PROCESS FOR THE PREPARATION OF APIXABAN

A crystalline Form N-1 of apixaban substantially free from one or more of: 1-(4-methoxyphenyl)-7-oxo-6-(4-(2-oxopiperidin-1-yl)phenyl)-4,5,6,7-tetrahydro-1H-pyrazolo[3,4-c]pyridine-3-carboxylic acid; 7-oxo-6-(4-(2-oxopiperidin-1-yl)phenyl)-1-phenyl-4,5,6,

AN IMPROVED PROCESS FOR THE PREPARATION OF APIXABAN AND INTERMEDIATES THEREOF

The present invention relates to an improved process for the preparation of apixaban and intermediates thereof. In particular, the invention relates to an improved process for the preparation of an amorphous form of apixaban.
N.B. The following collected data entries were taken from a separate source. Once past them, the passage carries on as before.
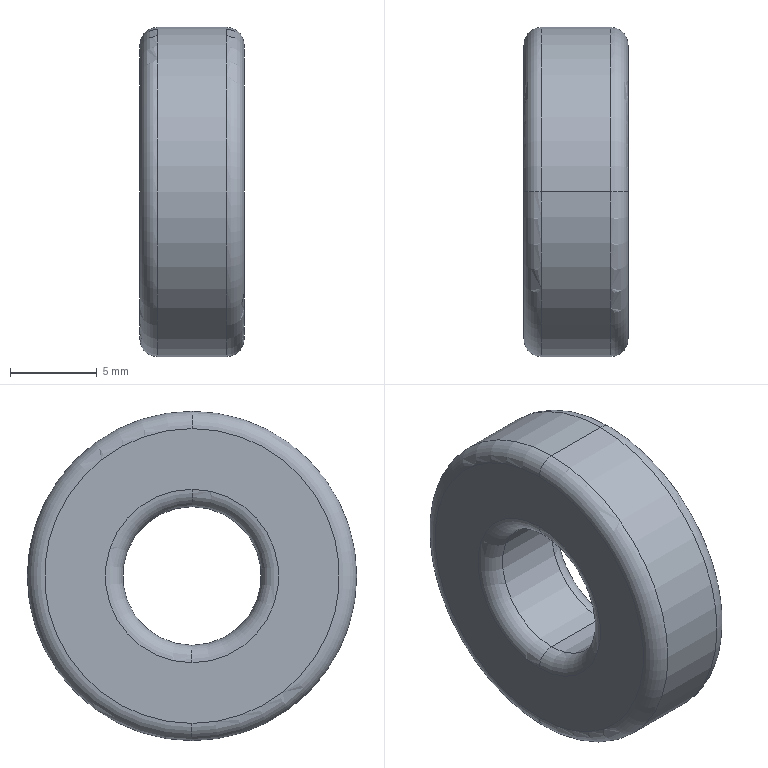Component | SolidWorks | Bearing619-8-3 | 1 solid | 14 faces | box 6 x 19 x 19 mm | volume 1363 mm3 | torus 8 | cylinder 4 | plane 2 | commonest cylinder face diameters 8 x2 19 x2
build123d program:
from build123d import *

# Parameters (mm, degrees)
SKETCH1_R           = 9.5
SKETCH1_R_2         = 4
BOSS_EXTRUDE1_DEPTH = 6
FILLET1_R           = 1


with BuildPart() as part:
    # Sketch1 → Boss-Extrude1 (new body)
    with BuildSketch(Plane.XY):
        Circle(SKETCH1_R)
        Circle(SKETCH1_R_2, mode=Mode.SUBTRACT)
    extrude(amount=BOSS_EXTRUDE1_DEPTH)

    # Fillet1
    fillet1_edges = [part.edges().sort_by_distance(p)[0] for p in [
        (-9.5, 0, 0),
        (-9.5, 0, 6),
        (-4, 0, 0),
        (-4, 0, 6),
    ]]
    fillet(fillet1_edges, radius=FILLET1_R)


solid = part.part

# Placed as in the assembly
solid = solid.moved(Location((103.726, -5.336, 80.465), (0, 90, 0)))
STEP:
#1=COLOUR_RGB('',0.7922,0.8196,0.9333);
#2=FILL_AREA_STYLE_COLOUR('',#1);
#3=FILL_AREA_STYLE('',(#2));
#4=SURFACE_STYLE_FILL_AREA(#3);
#5=SURFACE_SIDE_STYLE('',(#4));
#6=SURFACE_STYLE_USAGE(.BOTH.,#5);
#7=PRESENTATION_STYLE_ASSIGNMENT((#6));
#8=CARTESIAN_POINT('',(4.123,-0.2101,2.794));
#9=VERTEX_POINT('',#8);
#10=CARTESIAN_POINT('',(4.123,-0.2101,3.542));
#11=VERTEX_POINT('',#10);
#12=CARTESIAN_POINT('',(4.123,-0.2101,3.168));
#13=DIRECTION('',(1.,0.,-0.));
#14=DIRECTION('',(0.,0.,1.));
#15=AXIS2_PLACEMENT_3D('',#12,#13,#14);
#16=CIRCLE('',#15,0.374);
#17=EDGE_CURVE('',#9,#11,#16,.T.);
#18=ORIENTED_EDGE('',*,*,#17,.F.);
#19=CARTESIAN_POINT('',(4.084,-0.2101,2.833));
#20=VERTEX_POINT('',#19);
#21=CARTESIAN_POINT('',(4.123,-0.2101,2.833));
#22=DIRECTION('',(0.,1.,0.));
#23=DIRECTION('',(0.,0.,1.));
#24=AXIS2_PLACEMENT_3D('',#21,#22,#23);
#25=CIRCLE('',#24,0.03937);
#26=EDGE_CURVE('',#9,#20,#25,.T.);
#27=ORIENTED_EDGE('',*,*,#26,.T.);
#28=CARTESIAN_POINT('',(4.084,-0.2101,3.503));
#29=VERTEX_POINT('',#28);
#30=CARTESIAN_POINT('',(4.084,-0.2101,3.168));
#31=DIRECTION('',(-1.,0.,0.));
#32=DIRECTION('',(0.,0.,1.));
#33=AXIS2_PLACEMENT_3D('',#30,#31,#32);
#34=CIRCLE('',#33,0.3346);
#35=EDGE_CURVE('',#29,#20,#34,.T.);
#36=ORIENTED_EDGE('',*,*,#35,.F.);
#37=CARTESIAN_POINT('',(4.123,-0.2101,3.503));
#38=DIRECTION('',(0.,-1.,0.));
#39=DIRECTION('',(0.,0.,-1.));
#40=AXIS2_PLACEMENT_3D('',#37,#38,#39);
#41=CIRCLE('',#40,0.03937);
#42=EDGE_CURVE('',#11,#29,#41,.T.);
#43=ORIENTED_EDGE('',*,*,#42,.F.);
#44=EDGE_LOOP('',(#18,#27,#36,#43));
#45=FACE_OUTER_BOUND('',#44,.T.);
#46=CARTESIAN_POINT('',(4.123,-0.2101,3.168));
#47=DIRECTION('',(-1.,0.,0.));
#48=DIRECTION('',(0.,0.,1.));
#49=AXIS2_PLACEMENT_3D('',#46,#47,#48);
#50=TOROIDAL_SURFACE('',#49,0.3346,0.03937);
#51=ADVANCED_FACE('',(#45),#50,.T.);
#52=CARTESIAN_POINT('',(4.084,-0.2101,2.971));
#53=VERTEX_POINT('',#52);
#54=CARTESIAN_POINT('',(4.084,-0.2101,3.365));
#55=VERTEX_POINT('',#54);
#56=CARTESIAN_POINT('',(4.084,-0.2101,3.168));
#57=DIRECTION('',(1.,0.,-0.));
#58=DIRECTION('',(0.,0.,1.));
#59=AXIS2_PLACEMENT_3D('',#56,#57,#58);
#60=CIRCLE('',#59,0.1969);
#61=EDGE_CURVE('',#53,#55,#60,.T.);
#62=ORIENTED_EDGE('',*,*,#61,.F.);
#63=CARTESIAN_POINT('',(4.123,-0.2101,3.01));
#64=VERTEX_POINT('',#63);
#65=CARTESIAN_POINT('',(4.123,-0.2101,2.971));
#66=DIRECTION('',(0.,1.,0.));
#67=DIRECTION('',(0.,0.,1.));
#68=AXIS2_PLACEMENT_3D('',#65,#66,#67);
#69=CIRCLE('',#68,0.03937);
#70=EDGE_CURVE('',#53,#64,#69,.T.);
#71=ORIENTED_EDGE('',*,*,#70,.T.);
#72=CARTESIAN_POINT('',(4.123,-0.2101,3.325));
#73=VERTEX_POINT('',#72);
#74=CARTESIAN_POINT('',(4.123,-0.2101,3.168));
#75=DIRECTION('',(-1.,0.,0.));
#76=DIRECTION('',(0.,0.,1.));
#77=AXIS2_PLACEMENT_3D('',#74,#75,#76);
#78=CIRCLE('',#77,0.1575);
#79=EDGE_CURVE('',#73,#64,#78,.T.);
#80=ORIENTED_EDGE('',*,*,#79,.F.);
#81=CARTESIAN_POINT('',(4.123,-0.2101,3.365));
#82=DIRECTION('',(0.,-1.,0.));
#83=DIRECTION('',(0.,0.,-1.));
#84=AXIS2_PLACEMENT_3D('',#81,#82,#83);
#85=CIRCLE('',#84,0.03937);
#86=EDGE_CURVE('',#55,#73,#85,.T.);
#87=ORIENTED_EDGE('',*,*,#86,.F.);
#88=EDGE_LOOP('',(#62,#71,#80,#87));
#89=FACE_OUTER_BOUND('',#88,.T.);
#90=CARTESIAN_POINT('',(4.123,-0.2101,3.168));
#91=DIRECTION('',(-1.,0.,0.));
#92=DIRECTION('',(0.,0.,1.));
#93=AXIS2_PLACEMENT_3D('',#90,#91,#92);
#94=TOROIDAL_SURFACE('',#93,0.1969,0.03937);
#95=ADVANCED_FACE('',(#89),#94,.T.);
#96=CARTESIAN_POINT('',(4.281,-0.2101,3.01));
#97=VERTEX_POINT('',#96);
#98=CARTESIAN_POINT('',(4.281,-0.2101,3.325));
#99=VERTEX_POINT('',#98);
#100=CARTESIAN_POINT('',(4.281,-0.2101,3.168));
#101=DIRECTION('',(1.,0.,-0.));
#102=DIRECTION('',(0.,0.,1.));
#103=AXIS2_PLACEMENT_3D('',#100,#101,#102);
#104=CIRCLE('',#103,0.1575);
#105=EDGE_CURVE('',#97,#99,#104,.T.);
#106=ORIENTED_EDGE('',*,*,#105,.F.);
#107=CARTESIAN_POINT('',(4.32,-0.2101,2.971));
#108=VERTEX_POINT('',#107);
#109=CARTESIAN_POINT('',(4.281,-0.2101,2.971));
#110=DIRECTION('',(0.,1.,0.));
#111=DIRECTION('',(0.,0.,1.));
#112=AXIS2_PLACEMENT_3D('',#109,#110,#111);
#113=CIRCLE('',#112,0.03937);
#114=EDGE_CURVE('',#97,#108,#113,.T.);
#115=ORIENTED_EDGE('',*,*,#114,.T.);
#116=CARTESIAN_POINT('',(4.32,-0.2101,3.365));
#117=VERTEX_POINT('',#116);
#118=CARTESIAN_POINT('',(4.32,-0.2101,3.168));
#119=DIRECTION('',(-1.,0.,0.));
#120=DIRECTION('',(0.,0.,1.));
#121=AXIS2_PLACEMENT_3D('',#118,#119,#120);
#122=CIRCLE('',#121,0.1969);
#123=EDGE_CURVE('',#117,#108,#122,.T.);
#124=ORIENTED_EDGE('',*,*,#123,.F.);
#125=CARTESIAN_POINT('',(4.281,-0.2101,3.365));
#126=DIRECTION('',(0.,-1.,0.));
#127=DIRECTION('',(0.,0.,-1.));
#128=AXIS2_PLACEMENT_3D('',#125,#126,#127);
#129=CIRCLE('',#128,0.03937);
#130=EDGE_CURVE('',#99,#117,#129,.T.);
#131=ORIENTED_EDGE('',*,*,#130,.F.);
#132=EDGE_LOOP('',(#106,#115,#124,#131));
#133=FACE_OUTER_BOUND('',#132,.T.);
#134=CARTESIAN_POINT('',(4.281,-0.2101,3.168));
#135=DIRECTION('',(-1.,0.,0.));
#136=DIRECTION('',(0.,0.,1.));
#137=AXIS2_PLACEMENT_3D('',#134,#135,#136);
#138=TOROIDAL_SURFACE('',#137,0.1969,0.03937);
#139=ADVANCED_FACE('',(#133),#138,.T.);
#140=CARTESIAN_POINT('',(4.32,-0.2101,2.833));
#141=VERTEX_POINT('',#140);
#142=CARTESIAN_POINT('',(4.32,-0.2101,3.503));
#143=VERTEX_POINT('',#142);
#144=CARTESIAN_POINT('',(4.32,-0.2101,3.168));
#145=DIRECTION('',(1.,0.,-0.));
#146=DIRECTION('',(0.,0.,1.));
#147=AXIS2_PLACEMENT_3D('',#144,#145,#146);
#148=CIRCLE('',#147,0.3346);
#149=EDGE_CURVE('',#141,#143,#148,.T.);
#150=ORIENTED_EDGE('',*,*,#149,.F.);
#151=CARTESIAN_POINT('',(4.281,-0.2101,2.794));
#152=VERTEX_POINT('',#151);
#153=CARTESIAN_POINT('',(4.281,-0.2101,2.833));
#154=DIRECTION('',(0.,1.,0.));
#155=DIRECTION('',(0.,0.,1.));
#156=AXIS2_PLACEMENT_3D('',#153,#154,#155);
#157=CIRCLE('',#156,0.03937);
#158=EDGE_CURVE('',#141,#152,#157,.T.);
#159=ORIENTED_EDGE('',*,*,#158,.T.);
#160=CARTESIAN_POINT('',(4.281,-0.2101,3.542));
#161=VERTEX_POINT('',#160);
#162=CARTESIAN_POINT('',(4.281,-0.2101,3.168));
#163=DIRECTION('',(-1.,0.,0.));
#164=DIRECTION('',(0.,0.,1.));
#165=AXIS2_PLACEMENT_3D('',#162,#163,#164);
#166=CIRCLE('',#165,0.374);
#167=EDGE_CURVE('',#161,#152,#166,.T.);
#168=ORIENTED_EDGE('',*,*,#167,.F.);
#169=CARTESIAN_POINT('',(4.281,-0.2101,3.503));
#170=DIRECTION('',(0.,-1.,0.));
#171=DIRECTION('',(0.,0.,-1.));
#172=AXIS2_PLACEMENT_3D('',#169,#170,#171);
#173=CIRCLE('',#172,0.03937);
#174=EDGE_CURVE('',#143,#161,#173,.T.);
#175=ORIENTED_EDGE('',*,*,#174,.F.);
#176=EDGE_LOOP('',(#150,#159,#168,#175));
#177=FACE_OUTER_BOUND('',#176,.T.);
#178=CARTESIAN_POINT('',(4.281,-0.2101,3.168));
#179=DIRECTION('',(-1.,0.,0.));
#180=DIRECTION('',(0.,0.,1.));
#181=AXIS2_PLACEMENT_3D('',#178,#179,#180);
#182=TOROIDAL_SURFACE('',#181,0.3346,0.03937);
#183=ADVANCED_FACE('',(#177),#182,.T.);
#184=CARTESIAN_POINT('',(4.123,-0.2101,3.168));
#185=DIRECTION('',(-1.,0.,0.));
#186=DIRECTION('',(0.,0.,1.));
#187=AXIS2_PLACEMENT_3D('',#184,#185,#186);
#188=CIRCLE('',#187,0.1575);
#189=EDGE_CURVE('',#64,#73,#188,.T.);
#190=ORIENTED_EDGE('',*,*,#189,.T.);
#191=CARTESIAN_POINT('',(4.084,-0.2101,3.325));
#192=DIRECTION('',(1.,0.,-0.));
#193=VECTOR('',#192,39.37);
#194=LINE('',#191,#193);
#195=EDGE_CURVE('',#73,#99,#194,.T.);
#196=ORIENTED_EDGE('',*,*,#195,.T.);
#197=CARTESIAN_POINT('',(4.281,-0.2101,3.168));
#198=DIRECTION('',(1.,0.,-0.));
#199=DIRECTION('',(0.,0.,1.));
#200=AXIS2_PLACEMENT_3D('',#197,#198,#199);
#201=CIRCLE('',#200,0.1575);
#202=EDGE_CURVE('',#99,#97,#201,.T.);
#203=ORIENTED_EDGE('',*,*,#202,.T.);
#204=CARTESIAN_POINT('',(4.084,-0.2101,3.01));
#205=DIRECTION('',(1.,0.,-0.));
#206=VECTOR('',#205,39.37);
#207=LINE('',#204,#206);
#208=EDGE_CURVE('',#64,#97,#207,.T.);
#209=ORIENTED_EDGE('',*,*,#208,.F.);
#210=EDGE_LOOP('',(#190,#196,#203,#209));
#211=FACE_OUTER_BOUND('',#210,.T.);
#212=CARTESIAN_POINT('',(4.084,-0.2101,3.168));
#213=DIRECTION('',(1.,0.,-0.));
#214=DIRECTION('',(0.,0.,-1.));
#215=AXIS2_PLACEMENT_3D('',#212,#213,#214);
#216=CYLINDRICAL_SURFACE('',#215,0.1575);
#217=ADVANCED_FACE('',(#211),#216,.F.);
#218=ORIENTED_EDGE('',*,*,#17,.T.);
#219=CARTESIAN_POINT('',(4.084,-0.2101,3.542));
#220=DIRECTION('',(1.,0.,-0.));
#221=VECTOR('',#220,39.37);
#222=LINE('',#219,#221);
#223=EDGE_CURVE('',#11,#161,#222,.T.);
#224=ORIENTED_EDGE('',*,*,#223,.T.);
#225=ORIENTED_EDGE('',*,*,#167,.T.);
#226=CARTESIAN_POINT('',(4.084,-0.2101,2.794));
#227=DIRECTION('',(1.,0.,-0.));
#228=VECTOR('',#227,39.37);
#229=LINE('',#226,#228);
#230=EDGE_CURVE('',#9,#152,#229,.T.);
#231=ORIENTED_EDGE('',*,*,#230,.F.);
#232=EDGE_LOOP('',(#218,#224,#225,#231));
#233=FACE_OUTER_BOUND('',#232,.T.);
#234=CARTESIAN_POINT('',(4.084,-0.2101,3.168));
#235=DIRECTION('',(1.,0.,-0.));
#236=DIRECTION('',(0.,0.,-1.));
#237=AXIS2_PLACEMENT_3D('',#234,#235,#236);
#238=CYLINDRICAL_SURFACE('',#237,0.374);
#239=ADVANCED_FACE('',(#233),#238,.T.);
#240=CARTESIAN_POINT('',(4.084,-0.2101,3.168));
#241=DIRECTION('',(1.,0.,-0.));
#242=DIRECTION('',(0.,0.,1.));
#243=AXIS2_PLACEMENT_3D('',#240,#241,#242);
#244=CIRCLE('',#243,0.1969);
#245=EDGE_CURVE('',#55,#53,#244,.T.);
#246=ORIENTED_EDGE('',*,*,#245,.T.);
#247=ORIENTED_EDGE('',*,*,#61,.T.);
#248=EDGE_LOOP('',(#246,#247));
#249=FACE_BOUND('',#248,.T.);
#250=ORIENTED_EDGE('',*,*,#35,.T.);
#251=CARTESIAN_POINT('',(4.084,-0.2101,3.168));
#252=DIRECTION('',(-1.,0.,0.));
#253=DIRECTION('',(0.,0.,1.));
#254=AXIS2_PLACEMENT_3D('',#251,#252,#253);
#255=CIRCLE('',#254,0.3346);
#256=EDGE_CURVE('',#20,#29,#255,.T.);
#257=ORIENTED_EDGE('',*,*,#256,.T.);
#258=EDGE_LOOP('',(#250,#257));
#259=FACE_OUTER_BOUND('',#258,.T.);
#260=CARTESIAN_POINT('',(4.084,-0.2101,3.168));
#261=DIRECTION('',(-1.,0.,0.));
#262=DIRECTION('',(0.,0.,1.));
#263=AXIS2_PLACEMENT_3D('',#260,#261,#262);
#264=PLANE('',#263);
#265=ADVANCED_FACE('',(#249,#259),#264,.T.);
#266=CARTESIAN_POINT('',(4.32,-0.2101,3.168));
#267=DIRECTION('',(1.,0.,-0.));
#268=DIRECTION('',(0.,0.,1.));
#269=AXIS2_PLACEMENT_3D('',#266,#267,#268);
#270=CIRCLE('',#269,0.3346);
#271=EDGE_CURVE('',#143,#141,#270,.T.);
#272=ORIENTED_EDGE('',*,*,#271,.T.);
#273=ORIENTED_EDGE('',*,*,#149,.T.);
#274=EDGE_LOOP('',(#272,#273));
#275=FACE_OUTER_BOUND('',#274,.T.);
#276=ORIENTED_EDGE('',*,*,#123,.T.);
#277=CARTESIAN_POINT('',(4.32,-0.2101,3.168));
#278=DIRECTION('',(-1.,0.,0.));
#279=DIRECTION('',(0.,0.,1.));
#280=AXIS2_PLACEMENT_3D('',#277,#278,#279);
#281=CIRCLE('',#280,0.1969);
#282=EDGE_CURVE('',#108,#117,#281,.T.);
#283=ORIENTED_EDGE('',*,*,#282,.T.);
#284=EDGE_LOOP('',(#276,#283));
#285=FACE_BOUND('',#284,.T.);
#286=CARTESIAN_POINT('',(4.32,-0.2101,3.168));
#287=DIRECTION('',(-1.,0.,0.));
#288=DIRECTION('',(0.,0.,1.));
#289=AXIS2_PLACEMENT_3D('',#286,#287,#288);
#290=PLANE('',#289);
#291=ADVANCED_FACE('',(#275,#285),#290,.F.);
#292=ORIENTED_EDGE('',*,*,#223,.F.);
#293=CARTESIAN_POINT('',(4.123,-0.2101,3.168));
#294=DIRECTION('',(1.,0.,-0.));
#295=DIRECTION('',(0.,0.,1.));
#296=AXIS2_PLACEMENT_3D('',#293,#294,#295);
#297=CIRCLE('',#296,0.374);
#298=EDGE_CURVE('',#11,#9,#297,.T.);
#299=ORIENTED_EDGE('',*,*,#298,.T.);
#300=ORIENTED_EDGE('',*,*,#230,.T.);
#301=CARTESIAN_POINT('',(4.281,-0.2101,3.168));
#302=DIRECTION('',(-1.,0.,0.));
#303=DIRECTION('',(0.,0.,1.));
#304=AXIS2_PLACEMENT_3D('',#301,#302,#303);
#305=CIRCLE('',#304,0.374);
#306=EDGE_CURVE('',#152,#161,#305,.T.);
#307=ORIENTED_EDGE('',*,*,#306,.T.);
#308=EDGE_LOOP('',(#292,#299,#300,#307));
#309=FACE_OUTER_BOUND('',#308,.T.);
#310=CARTESIAN_POINT('',(4.084,-0.2101,3.168));
#311=DIRECTION('',(1.,0.,-0.));
#312=DIRECTION('',(0.,0.,-1.));
#313=AXIS2_PLACEMENT_3D('',#310,#311,#312);
#314=CYLINDRICAL_SURFACE('',#313,0.374);
#315=ADVANCED_FACE('',(#309),#314,.T.);
#316=ORIENTED_EDGE('',*,*,#195,.F.);
#317=ORIENTED_EDGE('',*,*,#79,.T.);
#318=ORIENTED_EDGE('',*,*,#208,.T.);
#319=ORIENTED_EDGE('',*,*,#105,.T.);
#320=EDGE_LOOP('',(#316,#317,#318,#319));
#321=FACE_OUTER_BOUND('',#320,.T.);
#322=CARTESIAN_POINT('',(4.084,-0.2101,3.168));
#323=DIRECTION('',(1.,0.,-0.));
#324=DIRECTION('',(0.,0.,-1.));
#325=AXIS2_PLACEMENT_3D('',#322,#323,#324);
#326=CYLINDRICAL_SURFACE('',#325,0.1575);
#327=ADVANCED_FACE('',(#321),#326,.F.);
#328=ORIENTED_EDGE('',*,*,#158,.F.);
#329=ORIENTED_EDGE('',*,*,#271,.F.);
#330=ORIENTED_EDGE('',*,*,#174,.T.);
#331=ORIENTED_EDGE('',*,*,#306,.F.);
#332=EDGE_LOOP('',(#328,#329,#330,#331));
#333=FACE_OUTER_BOUND('',#332,.T.);
#334=CARTESIAN_POINT('',(4.281,-0.2101,3.168));
#335=DIRECTION('',(-1.,0.,0.));
#336=DIRECTION('',(0.,0.,1.));
#337=AXIS2_PLACEMENT_3D('',#334,#335,#336);
#338=TOROIDAL_SURFACE('',#337,0.3346,0.03937);
#339=ADVANCED_FACE('',(#333),#338,.T.);
#340=ORIENTED_EDGE('',*,*,#114,.F.);
#341=ORIENTED_EDGE('',*,*,#202,.F.);
#342=ORIENTED_EDGE('',*,*,#130,.T.);
#343=ORIENTED_EDGE('',*,*,#282,.F.);
#344=EDGE_LOOP('',(#340,#341,#342,#343));
#345=FACE_OUTER_BOUND('',#344,.T.);
#346=CARTESIAN_POINT('',(4.281,-0.2101,3.168));
#347=DIRECTION('',(-1.,0.,0.));
#348=DIRECTION('',(0.,0.,1.));
#349=AXIS2_PLACEMENT_3D('',#346,#347,#348);
#350=TOROIDAL_SURFACE('',#349,0.1969,0.03937);
#351=ADVANCED_FACE('',(#345),#350,.T.);
#352=ORIENTED_EDGE('',*,*,#70,.F.);
#353=ORIENTED_EDGE('',*,*,#245,.F.);
#354=ORIENTED_EDGE('',*,*,#86,.T.);
#355=ORIENTED_EDGE('',*,*,#189,.F.);
#356=EDGE_LOOP('',(#352,#353,#354,#355));
#357=FACE_OUTER_BOUND('',#356,.T.);
#358=CARTESIAN_POINT('',(4.123,-0.2101,3.168));
#359=DIRECTION('',(-1.,0.,0.));
#360=DIRECTION('',(0.,0.,1.));
#361=AXIS2_PLACEMENT_3D('',#358,#359,#360);
#362=TOROIDAL_SURFACE('',#361,0.1969,0.03937);
#363=ADVANCED_FACE('',(#357),#362,.T.);
#364=ORIENTED_EDGE('',*,*,#26,.F.);
#365=ORIENTED_EDGE('',*,*,#298,.F.);
#366=ORIENTED_EDGE('',*,*,#42,.T.);
#367=ORIENTED_EDGE('',*,*,#256,.F.);
#368=EDGE_LOOP('',(#364,#365,#366,#367));
#369=FACE_OUTER_BOUND('',#368,.T.);
#370=CARTESIAN_POINT('',(4.123,-0.2101,3.168));
#371=DIRECTION('',(-1.,0.,0.));
#372=DIRECTION('',(0.,0.,1.));
#373=AXIS2_PLACEMENT_3D('',#370,#371,#372);
#374=TOROIDAL_SURFACE('',#373,0.3346,0.03937);
#375=ADVANCED_FACE('',(#369),#374,.T.);
#376=CLOSED_SHELL('',(#51,#95,#139,#183,#217,#239,#265,#291,#315,#327,#339,#351,#363,#375));
#377=MANIFOLD_SOLID_BREP('',#376);
#378=STYLED_ITEM('',(#7),#377);
#379=(LENGTH_UNIT()NAMED_UNIT(*)SI_UNIT($,.METRE.));
#380=LENGTH_MEASURE_WITH_UNIT(LENGTH_MEASURE(0.0254),#379);
#381=DIMENSIONAL_EXPONENTS(1.,0.,0.,0.,0.,0.,0.);
#382=(CONVERSION_BASED_UNIT('',#380)LENGTH_UNIT()NAMED_UNIT(#381));
#383=UNCERTAINTY_MEASURE_WITH_UNIT(LENGTH_MEASURE(0.00001),#382,'','');
#384=(NAMED_UNIT(*)PLANE_ANGLE_UNIT()SI_UNIT($,.RADIAN.));
#385=(NAMED_UNIT(*)SI_UNIT($,.STERADIAN.)SOLID_ANGLE_UNIT());
#386=(GEOMETRIC_REPRESENTATION_CONTEXT(3)GLOBAL_UNCERTAINTY_ASSIGNED_CONTEXT((#383))GLOBAL_UNIT_ASSIGNED_CONTEXT((#382,#384,#385))REPRESENTATION_CONTEXT('',''));
#387=MECHANICAL_DESIGN_GEOMETRIC_PRESENTATION_REPRESENTATION('',(#378),#386);
#388=PRESENTATION_LAYER_ASSIGNMENT('','',(#378));
#389=CARTESIAN_POINT('',(0.,0.,0.));
#390=DIRECTION('',(0.,0.,1.));
#391=DIRECTION('',(1.,0.,0.));
#392=AXIS2_PLACEMENT_3D('',#389,#390,#391);
#393=(LENGTH_UNIT()NAMED_UNIT(*)SI_UNIT($,.METRE.));
#394=LENGTH_MEASURE_WITH_UNIT(LENGTH_MEASURE(0.0254),#393);
#395=DIMENSIONAL_EXPONENTS(1.,0.,0.,0.,0.,0.,0.);
#396=(CONVERSION_BASED_UNIT('',#394)LENGTH_UNIT()NAMED_UNIT(#395));
#397=UNCERTAINTY_MEASURE_WITH_UNIT(LENGTH_MEASURE(0.00001),#396,'','');
#398=(NAMED_UNIT(*)PLANE_ANGLE_UNIT()SI_UNIT($,.RADIAN.));
#399=(NAMED_UNIT(*)SI_UNIT($,.STERADIAN.)SOLID_ANGLE_UNIT());
#400=(GEOMETRIC_REPRESENTATION_CONTEXT(3)GLOBAL_UNCERTAINTY_ASSIGNED_CONTEXT((#397))GLOBAL_UNIT_ASSIGNED_CONTEXT((#396,#398,#399))REPRESENTATION_CONTEXT('',''));
#401=ADVANCED_BREP_SHAPE_REPRESENTATION('',(#377,#392),#400);

The invention also relates to a pharmaceutical composition comprising an amorphous form of apixaban for oral administration as an antithrombotic agent.

SOLID STATE FORMS OF APIXABAN

The present invention is directed to solid state forms of Apixaban, processes for preparing the solid state forms, and pharmaceutical compositions thereof.